Our typical offer for students who are studying 3 A-levels is: 

AAA, for students taking Chemistry plus one other acceptable science or mathematics subject (2017 entry).  

2018 entry requirements:

AAA to include Chemistry and one further science subject or AAB to include Chemistry and two further science subjects. A level science subjects considered include Biology, Human Biology, Physics, Maths, Further Maths, Psychology, Geography and Geology. Science practical components must be passed. General Studies, Critical Thinking and Use of Mathematics are excluded for entry.

Each application is considered on its own merit. Standard offers are made based on the application as a whole, including combination of subjects taken, and predicted grades. Offers may be subject to adjustment, based on discussion with the applicant, formal interview (if deemed necessary), or on a contextual basis. Under certain circumstances we may make an offer to an individual applicant, which differs from those outlined above.

Students studying Chemistry, with no additional acceptable science/maths subject, may be interviewed to determine suitability for the course. We may also in some circumstances, recommend an alternative offer for the BSc programme. However, our flexible programme structure would allow transfer to this MChem programme, pending good performance in Year 1.

IB:
QualificationGrade
International Baccalaureate36 points on the IB scale, with a 6 in Chemistry and a 6 in one other subject from physics, biology or mathematics at Higher Level. The same consideration will be given to IB students studying Chemistry, with no additional acceptable science/maths subject at Higher Level, as those A-level students, as detailed above.
Scottish Highers/Advanced Highers

AAAA(AA), to include Chemistry plus one other subject from physics, biology or mathematics at Advanced Higher.

Irish Leaving Certificate

A1, A1, A1, A1, A1, A1, to include Chemistry plus one other subject from physics, biology or mathematics at Higher Level.

Cambridge Pre-U

D3D3D3, to include Chemistry plus one other subject from physics, biology, mathematics or further mathematics.

Welsh Baccalaureate

Average of 85% across all units of study with a minimum of 8 in Chemistry and Mathematics.

Selection process:
Intake:
Total undergraduate intake 160-190
Average applications per place:
5

 

This programme option, which includes a placement in Part 4 (Year 4), has now replaced the Part 3 (Year 3) option.

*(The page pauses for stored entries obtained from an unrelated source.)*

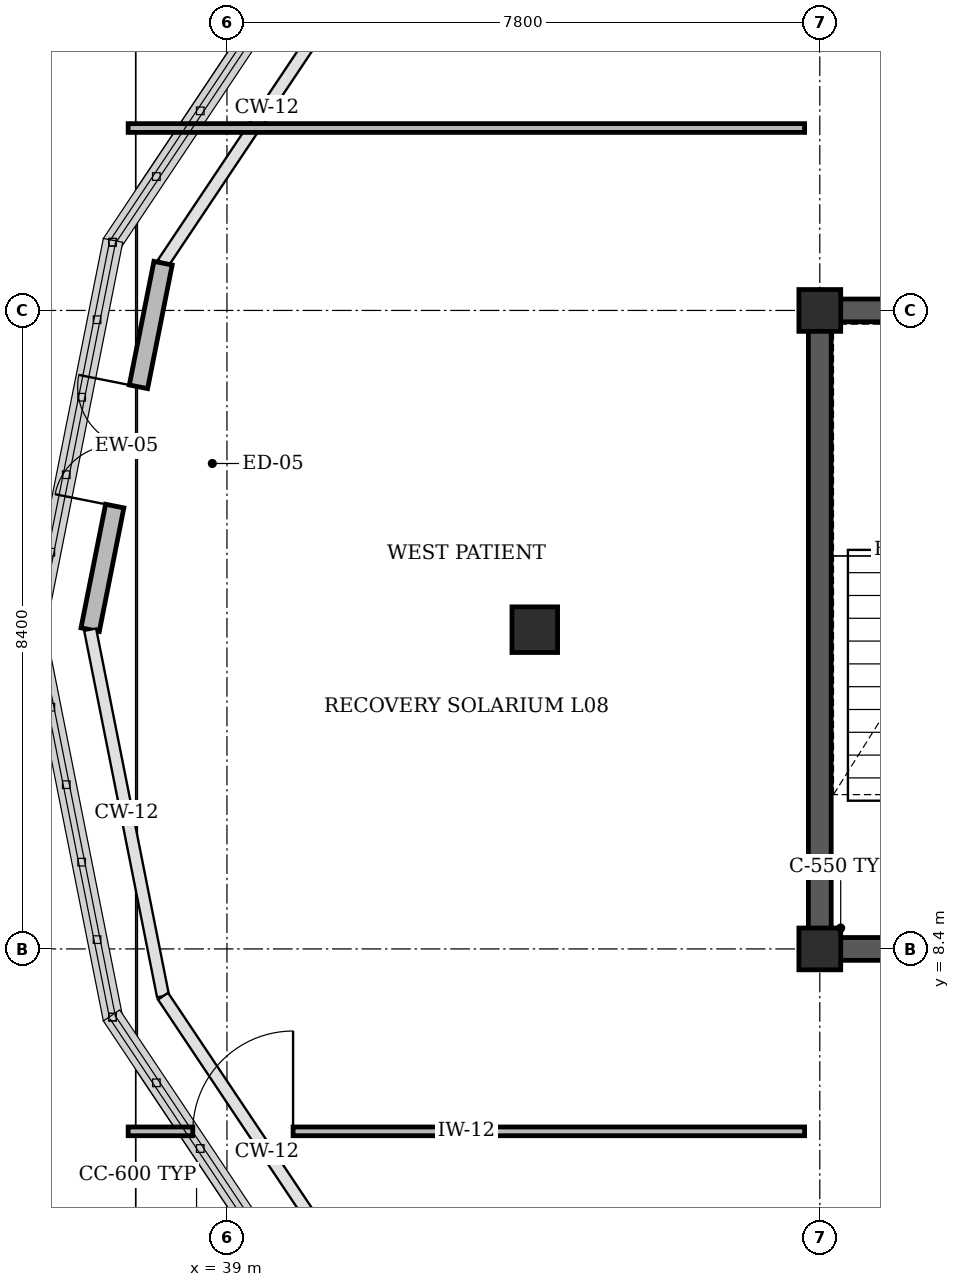
"""IFC4 building model, lengths in metres.
Left out: names, types, materials, properties, quantities, classifications, styles, units other than length and angle.
Written with IfcOpenShell. Run it as: python <this file> out.ifc"""

import sys

from ifc_helpers import new_model, si_unit, direction, frame, frame_2d, origin, origin_2d, place, context, subcontext, project, spatial, rectangle, circle, extrude, element, fill, save


model = new_model("IFC4")
c1 = context("Model", 3, precision=1e-05, world=origin(), true_north=direction((0.0, 1.0)))
c2 = subcontext(c1, "Body", "Model", "MODEL_VIEW")
j1 = project(units=[si_unit("LENGTHUNIT", "METRE"), si_unit("PLANEANGLEUNIT", "RADIAN")], contexts=[c1])
p1 = place(None, origin())
s1 = spatial("IfcSite", under=j1, at=p1, CompositionType="ELEMENT")
p2 = place(p1, origin())
s2 = spatial("IfcBuilding", under=s1, at=p2, CompositionType="ELEMENT")
p3 = place(p2, frame((0.0, 0.0, 34.8)))
s3 = spatial("IfcBuildingStorey", under=s2, at=p3, CompositionType="ELEMENT", Elevation=34.8)
p4 = place(p3, frame((46.65, 16.8, 0.0), z_axis=(0.0, 0.0, 1.0), x_axis=(1.0, 0.0, 0.0)))
e1 = element("IfcWall", 1, at=p4, inside=s3, PredefinedType="SHEAR", context=c2, shape_type="SweptSolid", body=[
    extrude(rectangle(XDim=8.1, YDim=0.3, at=frame_2d((4.05, 0.0))), origin(), (0.0, 0.0, 1.0), 3.92),
])
p5 = place(p3, frame((46.8, 8.4, 0.0), z_axis=(0.0, 0.0, 1.0), x_axis=(0.0, 1.0, 0.0)))
e2 = element("IfcWall", 2, at=p5, inside=s3, PredefinedType="SHEAR", context=c2, shape_type="SweptSolid", body=[
    extrude(rectangle(XDim=8.4, YDim=0.3, at=frame_2d((4.2, 0.0))), origin(), (0.0, 0.0, 1.0), 3.92),
])
for number, where, z_axis, x_axis in (
    (3, (46.8, 8.4, 0.0), (0.0, 0.0, 1.0), (1.0, 0.0, 0.0)),
    (4, (46.8, 16.8, 0.0), (0.0, 0.0, 1.0), (1.0, 0.0, 0.0)),
):
    element("IfcColumn", number, at=place(p3, frame(where, z_axis=z_axis, x_axis=x_axis)), inside=s3, PredefinedType="COLUMN", context=c2, shape_type="SweptSolid", body=[
        extrude(rectangle(XDim=0.55, YDim=0.55, at=origin_2d()), origin(), (0.0, 0.0, 1.0), 4.2),
    ])
p6 = place(p3, frame((43.05, 12.6, 0.0), z_axis=(0.0, 0.0, 1.0), x_axis=(1.0, 0.0, 0.0)))
e5 = element("IfcColumn", 5, at=p6, inside=s3, PredefinedType="PILASTER", context=c2, shape_type="SweptSolid", body=[
    extrude(circle(Radius=0.3, at=origin_2d()), origin(), (0.0, 0.0, 1.0), 3.95),
])
p7 = place(p3, frame((37.2, 12.6, 0.0), z_axis=(0.0, 0.0, 1.0), x_axis=(0.195113286981, 0.980780712108, 0.0)))
e6 = element("IfcWall", 6, at=p7, inside=s3, PredefinedType="STANDARD", context=c2, shape_type="SweptSolid", body=[
    extrude(rectangle(XDim=4.916, YDim=0.245, at=frame_2d((2.458, 0.0))), origin(), (0.0, 0.0, 1.0), 3.32),
])
p8 = place(p7, frame((1.658, 0.0, 0.0)))
e7 = element("IfcOpeningElement", 7, at=p8, cuts=e6, PredefinedType="OPENING", context=c2, shape_type="SweptSolid", body=[
    extrude(rectangle(XDim=1.6, YDim=2.2, at=frame_2d((0.8, 1.1))), frame((0.0, 0.133, 0.0), z_axis=(0.0, -1.0, 0.0), x_axis=(1.0, 0.0, 0.0)), (0.0, 0.0, 1.0), 0.265),
])
p9 = place(p3, frame((46.8, 8.4, 0.0), z_axis=(0.0, 0.0, 1.0), x_axis=(1.0, 0.0, 0.0)))
e8 = element("IfcWall", 8, at=p9, inside=s3, PredefinedType="SHEAR", context=c2, shape_type="SweptSolid", body=[
    extrude(rectangle(XDim=4.15, YDim=0.3, at=frame_2d((2.075, 0.0))), origin(), (0.0, 0.0, 1.0), 4.2),
])
p10 = place(p9, frame((1.515, 0.0, 0.0)))
e9 = element("IfcOpeningElement", 9, at=p10, cuts=e8, PredefinedType="OPENING", context=c2, shape_type="SweptSolid", body=[
    extrude(rectangle(XDim=1.12, YDim=2.15, at=frame_2d((0.56, 1.075))), frame((0.0, 0.16, 0.0), z_axis=(0.0, -1.0, 0.0), x_axis=(1.0, 0.0, 0.0)), (0.0, 0.0, 1.0), 0.32),
])
p11 = place(p3, frame((37.7, 6.0, 0.0), z_axis=(0.0, 0.0, 1.0), x_axis=(1.0, 0.0, 0.0)))
e10 = element("IfcWall", 10, at=p11, inside=s3, PredefinedType="PARTITIONING", context=c2, shape_type="SweptSolid", body=[
    extrude(rectangle(XDim=8.9, YDim=0.115, at=frame_2d((4.45, 0.0))), origin(), (0.0, 0.0, 1.0), 3.9),
])
p12 = place(p11, frame((0.85, 0.0, 0.0)))
e11 = element("IfcOpeningElement", 11, at=p12, cuts=e10, PredefinedType="OPENING", context=c2, shape_type="SweptSolid", body=[
    extrude(rectangle(XDim=1.32, YDim=2.15, at=frame_2d((0.66, 1.075))), frame((0.0, 0.067, 0.0), z_axis=(0.0, -1.0, 0.0), x_axis=(1.0, 0.0, 0.0)), (0.0, 0.0, 1.0), 0.135),
])
p13 = place(p3, frame((37.7, 19.2, 0.0), z_axis=(0.0, 0.0, 1.0), x_axis=(1.0, 0.0, 0.0)))
e12 = element("IfcWall", 12, at=p13, inside=s3, PredefinedType="PARTITIONING", context=c2, shape_type="SweptSolid", body=[
    extrude(rectangle(XDim=8.9, YDim=0.115, at=frame_2d((4.45, 0.0))), origin(), (0.0, 0.0, 1.0), 3.9),
])
p14 = place(p8, origin())
e13 = element("IfcDoor", 13, at=p14, inside=s3, OperationType="DOUBLE_DOOR_SINGLE_SWING", PredefinedType="DOOR", context=c2, shape_type="SweptSolid", body=[
    extrude(rectangle(XDim=1.6, YDim=2.2, at=frame_2d((0.8, 1.1))), frame((0.0, 0.025, 0.0), z_axis=(0.0, -1.0, 0.0), x_axis=(1.0, 0.0, 0.0)), (0.0, 0.0, 1.0), 0.05),
])
fill(e7, e13)
p15 = place(p12, origin())
e14 = element("IfcDoor", 14, at=p15, inside=s3, OperationType="SINGLE_SWING_RIGHT", PredefinedType="DOOR", context=c2, shape_type="SweptSolid", body=[
    extrude(rectangle(XDim=1.32, YDim=2.15, at=frame_2d((0.66, 1.075))), frame((0.0, 0.025, 0.0), z_axis=(0.0, -1.0, 0.0), x_axis=(1.0, 0.0, 0.0)), (0.0, 0.0, 1.0), 0.05),
])
fill(e11, e14)
save(model, sys.argv[1])

This Part 4 placement programme is applicable for current students, for those who applied for 2016 entry, and for all future applications.

 

Once you have applied and submitted your application to study on this MChem degree programme your application will be sent to us by UCAS as soon as possible. On arrival, we consider every application on its individual merits and determine whether or not we are prepared to make an academic offer on the basis of the information provided.

 

If we decide that we will be able to make you an offer, we will send confirmation of your offer, and invite you to visit us on one of our UCAS Visit Days as a Post-Offer Applicant. These are usually hosted on a Tuesday, Thursday or Saturday, from November to March.

We sometimes require a formal interview, prior to making an offer, to discuss aspects of your application, and to assess your Chemistry background in detail. In this case, you would be invited to attend one of our UCAS Visit Days, as a Pre-Offer Applicant.

The Chemistry UCAS Visit Day is your chance to get all the detailed information you need, experience the atmosphere and environment on a working day, and gain invaluable student feedback, to help you in making your decision at this stage in the application process.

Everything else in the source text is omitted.